O anterior foi em dezembro de 2001, após a renúncia do ex-presidente Fernando de la Rúa (1999-2001) e durante a curta presidência de Adolfo Rodríguez Saá, que durou apenas uma semana. O país só saiu da situação de calote em 2006, durante o governo Néstor Kirchner (2003-2007). Um último acordo foi obtido em 2010, sob Cristina Kirchner (2007-2015). Agora, a Casa Rosada pretende deixar de pagar sua dívida com credores privados até 2023. Nós propusemos fazer a mesma coisa que fizemos com Néstor (Kirchner) em 2003, quando assumimos o governo e herdamos uma situação similar. Aquela era uma situação de default explícito, esta é de default virtual disse Fernández ao lado do ministro da Economia, Martin Guzmán. O próximo vencimento importante da dívida argentina é no dia 22 de abril.
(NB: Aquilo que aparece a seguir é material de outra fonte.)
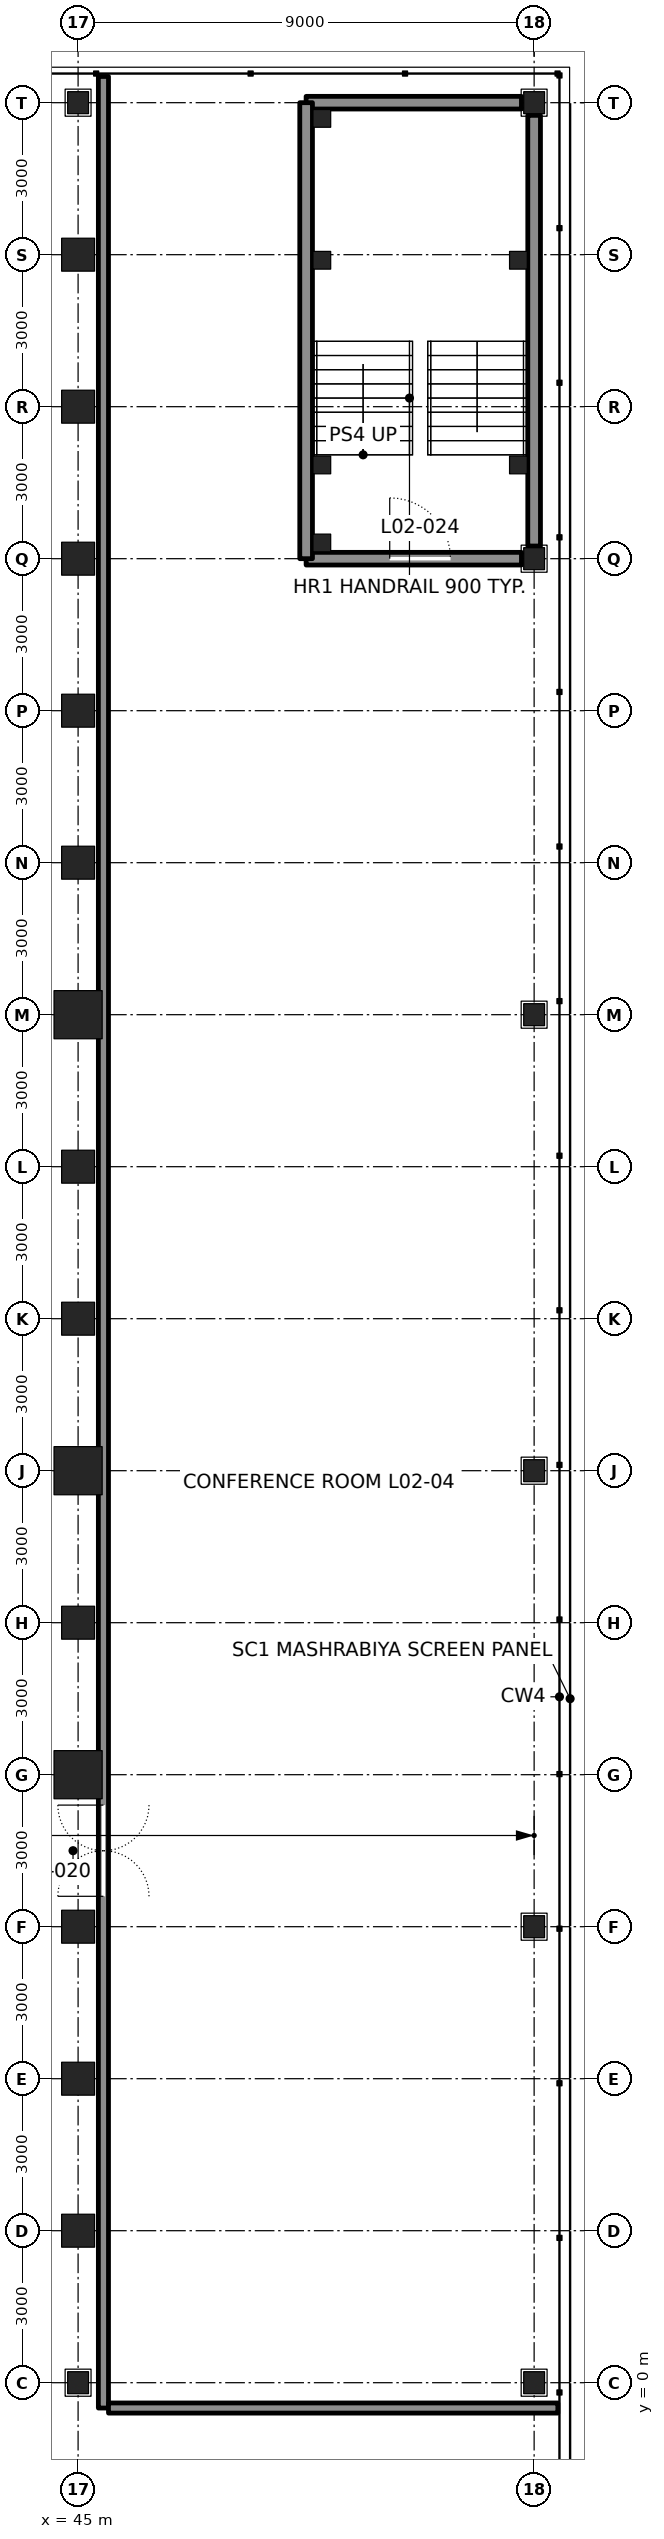
"""IFC4 building model, lengths in metres.
Left out: names, types, materials, properties, quantities, classifications, styles, units other than length and angle.
Written with IfcOpenShell. Run it as: python <this file> out.ifc"""

import sys

from ifc_helpers import new_model, si_unit, direction, frame, frame_2d, origin, origin_2d, place, context, subcontext, project, spatial, rectangle, hollow_rectangle, i_section, extrude, element, fill, save


model = new_model("IFC4")
c1 = context("Model", 3, precision=1e-05, world=origin(), true_north=direction((0.0, 1.0)))
c2 = subcontext(c1, "Body", "Model", "MODEL_VIEW")
j1 = project(units=[si_unit("LENGTHUNIT", "METRE"), si_unit("PLANEANGLEUNIT", "RADIAN")], contexts=[c1])
p1 = place(None, origin())
s1 = spatial("IfcSite", under=j1, at=p1, CompositionType="ELEMENT")
p2 = place(p1, origin())
s2 = spatial("IfcBuilding", under=s1, at=p2, CompositionType="ELEMENT")
p3 = place(p2, frame((0.0, 0.0, 13.5)))
s3 = spatial("IfcBuildingStorey", under=s2, at=p3, CompositionType="ELEMENT", Elevation=13.5)
for number, where, z_axis, x_axis in (
    (1, (45.0, 3.0, 0.0), (0.0, 0.0, 1.0), (1.0, 0.0, 0.0)),
    (2, (45.0, 6.0, 0.0), (0.0, 0.0, 1.0), (1.0, 0.0, 0.0)),
    (3, (45.0, 9.0, 0.0), (0.0, 0.0, 1.0), (1.0, 0.0, 0.0)),
):
    element("IfcColumn", number, at=place(p3, frame(where, z_axis=z_axis, x_axis=x_axis)), inside=s3, PredefinedType="COLUMN", context=c2, shape_type="SweptSolid", body=[
        extrude(hollow_rectangle(XDim=0.65, YDim=0.65, WallThickness=0.065, at=origin_2d()), origin(), (0.0, 0.0, 1.0), 6.0),
    ])
p4 = place(p3, frame((45.0, 12.0, 0.0), z_axis=(0.0, 0.0, 1.0), x_axis=(1.0, 0.0, 0.0)))
e4 = element("IfcColumn", 4, at=p4, inside=s3, PredefinedType="COLUMN", context=c2, shape_type="SweptSolid", body=[
    extrude(hollow_rectangle(XDim=0.95, YDim=0.95, WallThickness=0.11, at=origin_2d()), origin(), (0.0, 0.0, 1.0), 6.0),
])
p5 = place(p3, frame((45.0, 15.0, 0.0), z_axis=(0.0, 0.0, 1.0), x_axis=(1.0, 0.0, 0.0)))
e5 = element("IfcColumn", 5, at=p5, inside=s3, PredefinedType="COLUMN", context=c2, shape_type="SweptSolid", body=[
    extrude(hollow_rectangle(XDim=0.65, YDim=0.65, WallThickness=0.065, at=origin_2d()), origin(), (0.0, 0.0, 1.0), 6.0),
])
p6 = place(p3, frame((45.0, 18.0, 0.0), z_axis=(0.0, 0.0, 1.0), x_axis=(1.0, 0.0, 0.0)))
e6 = element("IfcColumn", 6, at=p6, inside=s3, PredefinedType="COLUMN", context=c2, shape_type="SweptSolid", body=[
    extrude(hollow_rectangle(XDim=0.95, YDim=0.95, WallThickness=0.11, at=origin_2d()), origin(), (0.0, 0.0, 1.0), 6.0),
])
for number, where, z_axis, x_axis in (
    (7, (45.0, 21.0, 0.0), (0.0, 0.0, 1.0), (1.0, 0.0, 0.0)),
    (8, (45.0, 24.0, 0.0), (0.0, 0.0, 1.0), (1.0, 0.0, 0.0)),
):
    element("IfcColumn", number, at=place(p3, frame(where, z_axis=z_axis, x_axis=x_axis)), inside=s3, PredefinedType="COLUMN", context=c2, shape_type="SweptSolid", body=[
        extrude(hollow_rectangle(XDim=0.65, YDim=0.65, WallThickness=0.065, at=origin_2d()), origin(), (0.0, 0.0, 1.0), 6.0),
    ])
p7 = place(p3, frame((45.0, 27.0, 0.0), z_axis=(0.0, 0.0, 1.0), x_axis=(1.0, 0.0, 0.0)))
e9 = element("IfcColumn", 9, at=p7, inside=s3, PredefinedType="COLUMN", context=c2, shape_type="SweptSolid", body=[
    extrude(hollow_rectangle(XDim=0.95, YDim=0.95, WallThickness=0.11, at=origin_2d()), origin(), (0.0, 0.0, 1.0), 6.0),
])
for number, where, z_axis, x_axis in (
    (10, (45.0, 30.0, 0.0), (0.0, 0.0, 1.0), (1.0, 0.0, 0.0)),
    (11, (45.0, 33.0, 0.0), (0.0, 0.0, 1.0), (1.0, 0.0, 0.0)),
    (12, (45.0, 36.0, 0.0), (0.0, 0.0, 1.0), (1.0, 0.0, 0.0)),
    (13, (45.0, 39.0, 0.0), (0.0, 0.0, 1.0), (1.0, 0.0, 0.0)),
    (14, (45.0, 42.0, 0.0), (0.0, 0.0, 1.0), (1.0, 0.0, 0.0)),
):
    element("IfcColumn", number, at=place(p3, frame(where, z_axis=z_axis, x_axis=x_axis)), inside=s3, PredefinedType="COLUMN", context=c2, shape_type="SweptSolid", body=[
        extrude(hollow_rectangle(XDim=0.65, YDim=0.65, WallThickness=0.065, at=origin_2d()), origin(), (0.0, 0.0, 1.0), 6.0),
    ])
for number, where, z_axis, x_axis in (
    (15, (45.0, 0.0, 0.0), (0.0, 0.0, 1.0), (1.0, 0.0, 0.0)),
    (16, (45.0, 45.0, 0.0), (0.0, 0.0, 1.0), (1.0, 0.0, 0.0)),
    (17, (54.0, 0.0, 0.0), (0.0, 0.0, 1.0), (1.0, 0.0, 0.0)),
    (18, (54.0, 9.0, 0.0), (0.0, 0.0, 1.0), (1.0, 0.0, 0.0)),
    (19, (54.0, 18.0, 0.0), (0.0, 0.0, 1.0), (1.0, 0.0, 0.0)),
    (20, (54.0, 27.0, 0.0), (0.0, 0.0, 1.0), (1.0, 0.0, 0.0)),
    (21, (54.0, 36.0, 0.0), (0.0, 0.0, 1.0), (1.0, 0.0, 0.0)),
    (22, (54.0, 45.0, 0.0), (0.0, 0.0, 1.0), (1.0, 0.0, 0.0)),
):
    element("IfcColumn", number, at=place(p3, frame(where, z_axis=z_axis, x_axis=x_axis)), inside=s3, PredefinedType="COLUMN", context=c2, shape_type="SweptSolid", body=[
        extrude(i_section(OverallWidth=0.411, OverallDepth=0.434, WebThickness=0.036, FlangeThickness=0.057, at=origin_2d()), origin(), (0.0, 0.0, 1.0), 6.0),
    ])
p8 = place(p3, frame((45.5, -0.5, 0.0), z_axis=(0.0, 0.0, 1.0), x_axis=(0.0, 1.0, 0.0)))
e23 = element("IfcWall", 23, at=p8, inside=s3, PredefinedType="PARTITIONING", context=c2, shape_type="SweptSolid", body=[
    extrude(rectangle(XDim=46.018, YDim=0.2, at=frame_2d((23.009, 0.0))), origin(), (0.0, 0.0, 1.0), 5.8),
])
p9 = place(p8, frame((10.1, 0.0, 0.0)))
e24 = element("IfcOpeningElement", 24, at=p9, cuts=e23, PredefinedType="OPENING", context=c2, shape_type="SweptSolid", body=[
    extrude(rectangle(XDim=1.8, YDim=2.4, at=frame_2d((0.9, 1.2))), frame((0.0, 0.11, 0.0), z_axis=(0.0, -1.0, 0.0), x_axis=(1.0, 0.0, 0.0)), (0.0, 0.0, 1.0), 0.22),
])
p10 = place(p3, frame((45.6, -0.5, 0.0), z_axis=(0.0, 0.0, 1.0), x_axis=(1.0, 0.0, 0.0)))
e25 = element("IfcWall", 25, at=p10, inside=s3, PredefinedType="PARTITIONING", context=c2, shape_type="SweptSolid", body=[
    extrude(rectangle(XDim=8.868, YDim=0.2, at=frame_2d((4.434, 0.0))), origin(), (0.0, 0.0, 1.0), 5.8),
])
p11 = place(p3, frame((49.5, 36.0, 0.0), z_axis=(0.0, 0.0, 1.0), x_axis=(1.0, 0.0, 0.0)))
e26 = element("IfcWall", 26, at=p11, inside=s3, PredefinedType="SOLIDWALL", context=c2, shape_type="SweptSolid", body=[
    extrude(rectangle(XDim=4.25, YDim=0.25, at=frame_2d((2.125, 0.0))), origin(), (0.0, 0.0, 1.0), 4.853),
])
p12 = place(p11, frame((1.65, 0.0, 0.0)))
e27 = element("IfcOpeningElement", 27, at=p12, cuts=e26, PredefinedType="OPENING", context=c2, shape_type="SweptSolid", body=[
    extrude(rectangle(XDim=1.2, YDim=2.1, at=frame_2d((0.6, 1.05))), frame((0.0, 0.135, 0.0), z_axis=(0.0, -1.0, 0.0), x_axis=(1.0, 0.0, 0.0)), (0.0, 0.0, 1.0), 0.27),
])
p13 = place(p3, frame((54.0, 36.25, 0.0), z_axis=(0.0, 0.0, 1.0), x_axis=(0.0, 1.0, 0.0)))
e28 = element("IfcWall", 28, at=p13, inside=s3, PredefinedType="SOLIDWALL", context=c2, shape_type="SweptSolid", body=[
    extrude(rectangle(XDim=8.5, YDim=0.25, at=frame_2d((4.25, 0.0))), origin(), (0.0, 0.0, 1.0), 4.853),
])
p14 = place(p3, frame((49.5, 45.0, 0.0), z_axis=(0.0, 0.0, 1.0), x_axis=(1.0, 0.0, 0.0)))
e29 = element("IfcWall", 29, at=p14, inside=s3, PredefinedType="SOLIDWALL", context=c2, shape_type="SweptSolid", body=[
    extrude(rectangle(XDim=4.25, YDim=0.25, at=frame_2d((2.125, 0.0))), origin(), (0.0, 0.0, 1.0), 4.853),
])
p15 = place(p3, frame((49.5, 36.0, 0.0), z_axis=(0.0, 0.0, 1.0), x_axis=(0.0, 1.0, 0.0)))
e30 = element("IfcWall", 30, at=p15, inside=s3, PredefinedType="SOLIDWALL", context=c2, shape_type="SweptSolid", body=[
    extrude(rectangle(XDim=9.0, YDim=0.25, at=frame_2d((4.5, 0.0))), origin(), (0.0, 0.0, 1.0), 4.853),
])
for number, where, z_axis, x_axis in (
    (31, (49.81, 44.69, 0.0), (0.0, 0.0, 1.0), (1.0, 0.0, 0.0)),
    (32, (49.81, 41.89, 0.0), (0.0, 0.0, 1.0), (1.0, 0.0, 0.0)),
    (33, (53.69, 41.89, 0.0), (0.0, 0.0, 1.0), (1.0, 0.0, 0.0)),
    (34, (49.81, 37.85, 0.0), (0.0, 0.0, 1.0), (1.0, 0.0, 0.0)),
    (35, (53.69, 37.85, 0.0), (0.0, 0.0, 1.0), (1.0, 0.0, 0.0)),
    (36, (49.81, 36.31, 0.0), (0.0, 0.0, 1.0), (1.0, 0.0, 0.0)),
):
    element("IfcColumn", number, at=place(p3, frame(where, z_axis=z_axis, x_axis=x_axis)), inside=s3, PredefinedType="COLUMN", context=c2, shape_type="SweptSolid", body=[
        extrude(hollow_rectangle(XDim=0.35, YDim=0.35, WallThickness=0.035, at=origin_2d()), origin(), (0.0, 0.0, 1.0), 5.8),
    ])
p16 = place(p9, origin())
e37 = element("IfcDoor", 37, at=p16, inside=s3, OperationType="DOUBLE_DOOR_DOUBLE_SWING", PredefinedType="DOOR", context=c2, shape_type="SweptSolid", body=[
    extrude(rectangle(XDim=1.8, YDim=2.4, at=frame_2d((0.9, 1.2))), frame((0.0, 0.025, 0.0), z_axis=(0.0, -1.0, 0.0), x_axis=(1.0, 0.0, 0.0)), (0.0, 0.0, 1.0), 0.05),
])
fill(e24, e37)
p17 = place(p12, origin())
e38 = element("IfcDoor", 38, at=p17, inside=s3, OperationType="SINGLE_SWING_LEFT", PredefinedType="DOOR", context=c2, shape_type="SweptSolid", body=[
    extrude(rectangle(XDim=1.2, YDim=2.1, at=frame_2d((0.6, 1.05))), frame((0.0, 0.025, 0.0), z_axis=(0.0, -1.0, 0.0), x_axis=(1.0, 0.0, 0.0)), (0.0, 0.0, 1.0), 0.05),
])
fill(e27, e38)
save(model, sys.argv[1])

A margem de manobra para negociar com fundos de investimentos estrangeiros é estreita e, se não for alcançado um acordo, o governo terá 30 dias para evitar que o país seja declarado em estado de calote. O governo ofereceu ainda um novo cupom de dívida, que começaria a pagar em 2023, com juros anuais de 0,5%.
Em um prazo não especificado, a taxa atingiria 2,33%. Hoje, a Argentina não pode pagar nada frisou o ministro Guzmán. Nos mercados, o clima era de forte nervosismo. Pela primeira vez, a cotação do dólar paralelo superou os 100 pesos. Foi uma oferta muito dura, e houve umuso político da pandemia e do momento atual dos mercados. O governo sente que sua proposta está justificada afirmou o analista Ivan Sasovsky. Para ele, `não há dúvidas de que a Argentina avança em direção a um novo calote`: O calote é dado como certo. Nenhum responsável por fundos de investimento pode aceitar uma redução de 62%. O que vai acontecer? O país não vai pagar, vamos para o calote e os `fundos abutres` entrarão novamente em ação. Segundo o jornal `La Nación` o Fundo Monetário Internacional (FMI) disse que vai analisar a proposta.